2. Data en methoden
Voor dit onderzoek is gebruikgemaakt van registerdata uit het Stelsel van Sociaal-statistische Bestanden (SSB). De onderzoekspopulatie bestaat uit alle vrouwen die op 31 december 2018 tussen 15 en 49 jaar oud waren en zowel in 2017 als 2018 gedurende het gehele jaar in Nederland woonden (N=3.506.500). Van deze vrouwen wordt bekeken of zij in 2018 een kind hebben gekregen. De vrouwen zijn ingedeeld in vijf categorieën op basis van de activiteit waaruit zij het hoogste bedrag aan inkomen verkregen (de hoofdactiviteit; zie CBS, 2018), te weten (1) in opleiding; (2) werknemer met een flexibele arbeidsrelatie; (3) werknemer met een vast contract; (4) zelfstandige; en (5) overig. Vrouwen die ingeschreven stonden bij een opleiding zijn altijd ingedeeld bij de categorie in opleiding, ongeacht hun hoofdactiviteit. Hetzelfde geldt voor de categorie zelfstandigen: indien een vrouw als zelfstandige heeft gewerkt (en geen student was), is zij in alle gevallen ingedeeld in de categorie zelfstandige. Voor de afleiding van de overige categorieën is de voornaamste inkomensbron leidend geweest. Directeur-grootaandeelhouders (DGA’s) zijn bij de vaste werknemers ingedeeld. De hoofdactiviteit wordt gemeten in maart 2017, zodat de hoofdactiviteit in de tijd vooraf ging aan de eventuele verwekking van een kind in 2018. In alle analyses wordt gebruikgemaakt van de leeftijd van vrouwen op 31 december 2018.

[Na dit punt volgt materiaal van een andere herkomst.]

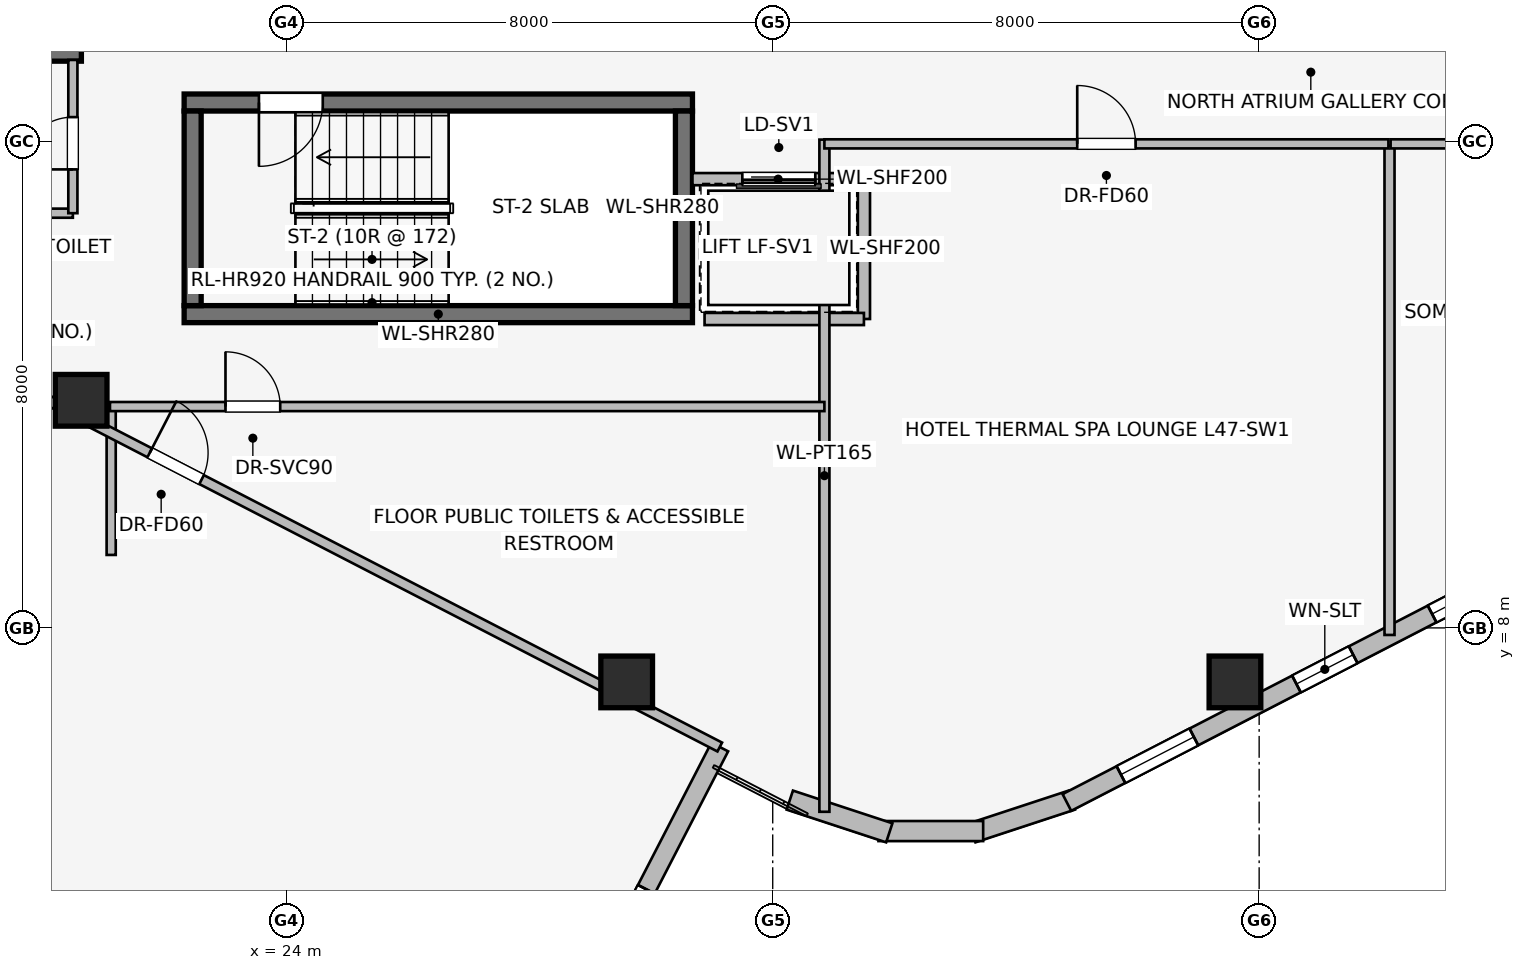
"""IFC4 building model, lengths in metres.
Left out: names, types, materials, properties, quantities, classifications, styles, units other than length and angle.
Written with IfcOpenShell. Run it as: python <this file> out.ifc"""

import sys

from ifc_helpers import new_model, si_unit, direction, frame, frame_2d, origin, origin_2d, place, context, subcontext, project, spatial, rectangle, extrude, element, fill, save


model = new_model("IFC4")
c1 = context("Model", 3, precision=1e-05, world=origin(), true_north=direction((0.0, 1.0)))
c2 = subcontext(c1, "Body", "Model", "MODEL_VIEW")
j1 = project(units=[si_unit("LENGTHUNIT", "METRE"), si_unit("PLANEANGLEUNIT", "RADIAN")], contexts=[c1])
p1 = place(None, origin())
s1 = spatial("IfcSite", under=j1, at=p1, CompositionType="ELEMENT")
p2 = place(p1, origin())
s2 = spatial("IfcBuilding", under=s1, at=p2, CompositionType="ELEMENT")
p3 = place(p2, frame((0.0, 0.0, 174.0)))
s3 = spatial("IfcBuildingStorey", under=s2, at=p3, CompositionType="ELEMENT", Elevation=174.0)
p4 = place(p3, frame((16.87, 17.46, 0.0), z_axis=(0.0, 0.0, 1.0), x_axis=(1.0, 0.0, 0.0)))
e1 = element("IfcWall", 1, at=p4, inside=s3, PredefinedType="SHEAR", context=c2, shape_type="SweptSolid", body=[
    extrude(rectangle(XDim=3.76, YDim=0.28, at=frame_2d((1.88, 0.0))), origin(), (0.0, 0.0, 1.0), 3.45),
])
p5 = place(p3, frame((22.32, 13.16, 0.0), z_axis=(0.0, 0.0, 1.0), x_axis=(1.0, 0.0, 0.0)))
e2 = element("IfcWall", 2, at=p5, inside=s3, PredefinedType="SHEAR", context=c2, shape_type="SweptSolid", body=[
    extrude(rectangle(XDim=8.36, YDim=0.28, at=frame_2d((4.18, 0.0))), origin(), (0.0, 0.0, 1.0), 3.45),
])
p6 = place(p3, frame((30.68, 16.64, 0.0), z_axis=(0.0, 0.0, 1.0), x_axis=(-1.0, 0.0, 0.0)))
e3 = element("IfcWall", 3, at=p6, inside=s3, PredefinedType="SHEAR", context=c2, shape_type="SweptSolid", body=[
    extrude(rectangle(XDim=8.36, YDim=0.28, at=frame_2d((4.18, 0.0))), origin(), (0.0, 0.0, 1.0), 3.45),
])
p7 = place(p6, frame((6.08, 0.0, 0.0)))
e4 = element("IfcOpeningElement", 4, at=p7, cuts=e3, PredefinedType="OPENING", context=c2, shape_type="SweptSolid", body=[
    extrude(rectangle(XDim=1.05, YDim=2.0, at=frame_2d((0.525, 1.0))), frame((0.0, 0.15, 0.0), z_axis=(0.0, -1.0, 0.0), x_axis=(1.0, 0.0, 0.0)), (0.0, 0.0, 1.0), 0.3),
])
for number, where, z_axis, x_axis in (
    (5, (22.46, 16.5, 0.0), (0.0, 0.0, 1.0), (0.0, -1.0, 0.0)),
    (6, (30.54, 13.3, 0.0), (0.0, 0.0, 1.0), (0.0, 1.0, 0.0)),
):
    element("IfcWall", number, at=place(p3, frame(where, z_axis=z_axis, x_axis=x_axis)), inside=s3, PredefinedType="SHEAR", context=c2, shape_type="SweptSolid", body=[
        extrude(rectangle(XDim=3.2, YDim=0.28, at=frame_2d((1.6, 0.0))), origin(), (0.0, 0.0, 1.0), 3.45),
    ])
for number, where, z_axis, x_axis in (
    (7, (20.626, 11.743, 0.0), (0.0, 0.0, 1.0), (1.0, 0.0, 0.0)),
    (8, (29.598, 7.112, 0.0), (0.0, 0.0, 1.0), (1.0, 0.0, 0.0)),
    (9, (39.602, 7.112, 0.0), (0.0, 0.0, 1.0), (1.0, 0.0, 0.0)),
):
    element("IfcColumn", number, at=place(p3, frame(where, z_axis=z_axis, x_axis=x_axis)), inside=s3, PredefinedType="COLUMN", context=c2, shape_type="SweptSolid", body=[
        extrude(rectangle(XDim=0.85, YDim=0.85, at=origin_2d()), origin(), (0.0, 0.0, 1.0), 3.45),
    ])
p8 = place(p3, frame((31.129, 6.041, 0.0), z_axis=(0.0, 0.0, 1.0), x_axis=(-0.458626737826, -0.88862900884, 0.0)))
e10 = element("IfcWall", 10, at=p8, inside=s3, PredefinedType="STANDARD", context=c2, shape_type="SweptSolid", body=[
    extrude(rectangle(XDim=19.6, YDim=0.31, at=frame_2d((9.8, 0.0))), origin(), (0.0, 0.0, 1.0), 3.16),
])
p9 = place(p8, frame((2.633, 0.0, 0.75)))
e11 = element("IfcOpeningElement", 11, at=p9, cuts=e10, PredefinedType="OPENING", context=c2, shape_type="SweptSolid", body=[
    extrude(rectangle(XDim=2.0, YDim=1.5, at=frame_2d((1.0, 0.75))), frame((0.0, 0.165, 0.0), z_axis=(0.0, -1.0, 0.0), x_axis=(1.0, 0.0, 0.0)), (0.0, 0.0, 1.0), 0.33),
])
p10 = place(p8, frame((8.8, 0.0, 0.75)))
e12 = element("IfcOpeningElement", 12, at=p10, cuts=e10, PredefinedType="OPENING", context=c2, shape_type="SweptSolid", body=[
    extrude(rectangle(XDim=2.0, YDim=1.5, at=frame_2d((1.0, 0.75))), frame((0.0, 0.165, 0.0), z_axis=(0.0, -1.0, 0.0), x_axis=(1.0, 0.0, 0.0)), (0.0, 0.0, 1.0), 0.33),
])
p11 = place(p8, frame((14.967, 0.0, 0.75)))
e13 = element("IfcOpeningElement", 13, at=p11, cuts=e10, PredefinedType="OPENING", context=c2, shape_type="SweptSolid", body=[
    extrude(rectangle(XDim=2.0, YDim=1.5, at=frame_2d((1.0, 0.75))), frame((0.0, 0.165, 0.0), z_axis=(0.0, -1.0, 0.0), x_axis=(1.0, 0.0, 0.0)), (0.0, 0.0, 1.0), 0.33),
])
p12 = place(p3, frame((36.919, 5.168, 0.0), z_axis=(0.0, 0.0, 1.0), x_axis=(-0.949937416267, -0.312440242569, 0.0)))
e14 = element("IfcWall", 14, at=p12, inside=s3, PredefinedType="STANDARD", context=c2, shape_type="SweptSolid", body=[
    extrude(rectangle(XDim=1.722, YDim=0.33, at=frame_2d((0.861, 0.0))), origin(), (0.0, 0.0, 1.0), 3.16),
])
p13 = place(p3, frame((35.461, 4.659, 0.0), z_axis=(0.0, 0.0, 1.0), x_axis=(-1.0, 0.0, 0.0)))
e15 = element("IfcWall", 15, at=p13, inside=s3, PredefinedType="STANDARD", context=c2, shape_type="SweptSolid", body=[
    extrude(rectangle(XDim=1.722, YDim=0.33, at=frame_2d((0.861, 0.0))), origin(), (0.0, 0.0, 1.0), 3.16),
])
p14 = place(p3, frame((33.917, 4.63, 0.0), z_axis=(0.0, 0.0, 1.0), x_axis=(-0.949937416267, 0.312440242569, 0.0)))
e16 = element("IfcWall", 16, at=p14, inside=s3, PredefinedType="STANDARD", context=c2, shape_type="SweptSolid", body=[
    extrude(rectangle(XDim=1.722, YDim=0.33, at=frame_2d((0.861, 0.0))), origin(), (0.0, 0.0, 1.0), 3.16),
])
p15 = place(p3, frame((51.792, 12.847, 0.0), z_axis=(0.0, 0.0, 1.0), x_axis=(-0.888626188278, -0.458632202867, 0.0)))
e17 = element("IfcWall", 17, at=p15, inside=s3, PredefinedType="STANDARD", context=c2, shape_type="SweptSolid", body=[
    extrude(rectangle(XDim=16.828, YDim=0.31, at=frame_2d((8.414, 0.0))), origin(), (0.0, 0.0, 1.0), 3.16),
])
p16 = place(p15, frame((0.675, 0.0, 0.75)))
e18 = element("IfcOpeningElement", 18, at=p16, cuts=e17, PredefinedType="OPENING", context=c2, shape_type="SweptSolid", body=[
    extrude(rectangle(XDim=2.0, YDim=1.5, at=frame_2d((1.0, 0.75))), frame((0.0, 0.165, 0.0), z_axis=(0.0, -1.0, 0.0), x_axis=(1.0, 0.0, 0.0)), (0.0, 0.0, 1.0), 0.33),
])
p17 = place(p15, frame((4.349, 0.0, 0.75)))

De analyse bestaat uit drie stappen, die elk apart zijn uitgevoerd voor vrouwen van elke leeftijd tussen 15 en 49 jaar. Ten eerste is bekeken hoe het aandeel vrouwen in opleiding en het aandeel vrouwen met een flexibele arbeidsrelatie tussen 2010 en 2017 is veranderd. Hiervoor is een alternatieve populatie geselecteerd bestaande uit alle vrouwen die op 31 december 2011 tussen de 15 en 49 jaar oud waren. Om deze vrouwen te kunnen vergelijken met de vrouwen in 2017/2018 is de hoofdactiviteit in maart 2010 gebruikt en de leeftijd op 31 december 2011. Grafieken 3.1 en 3.2 tonen de verandering tussen 2010 en 2017 in (a) het aandeel vrouwen dat in opleiding is, afgezet tegen de hele populatie vrouwen in die leeftijd; en (b) het aandeel vrouwen met een flexibele arbeidsrelatie, afgezet tegen alle vrouwelijke werknemers in die leeftijd.
In de tweede stap zijn de effecten geschat van in-opleiding-zijn en werken met een flexibele arbeidsrelatie in maart 2017 op de kans om in 2018 een kind te krijgen. Dit is gedaan met behulp van logistische regressiemodellen, waarbij gecontroleerd is voor migratieachtergrond (met categorieën geen migratieachtergrond, niet-westers eerste generatie, niet-westers tweede generatie, westers eerste generatie en westers tweede generatie) en opleidingsniveau (met categorieën laagopgeleid, middelbaar opgeleid, hoogopgeleid en onbekend). Vervolgens is voor elke hoofdactiviteit de gemiddelde kans om een kind te krijgen berekend. Het kleine aandeel vrouwen dat in 2018 meerdere kinderen kreeg, is meegenomen in de analyses alsof ze één kind hebben gekregen.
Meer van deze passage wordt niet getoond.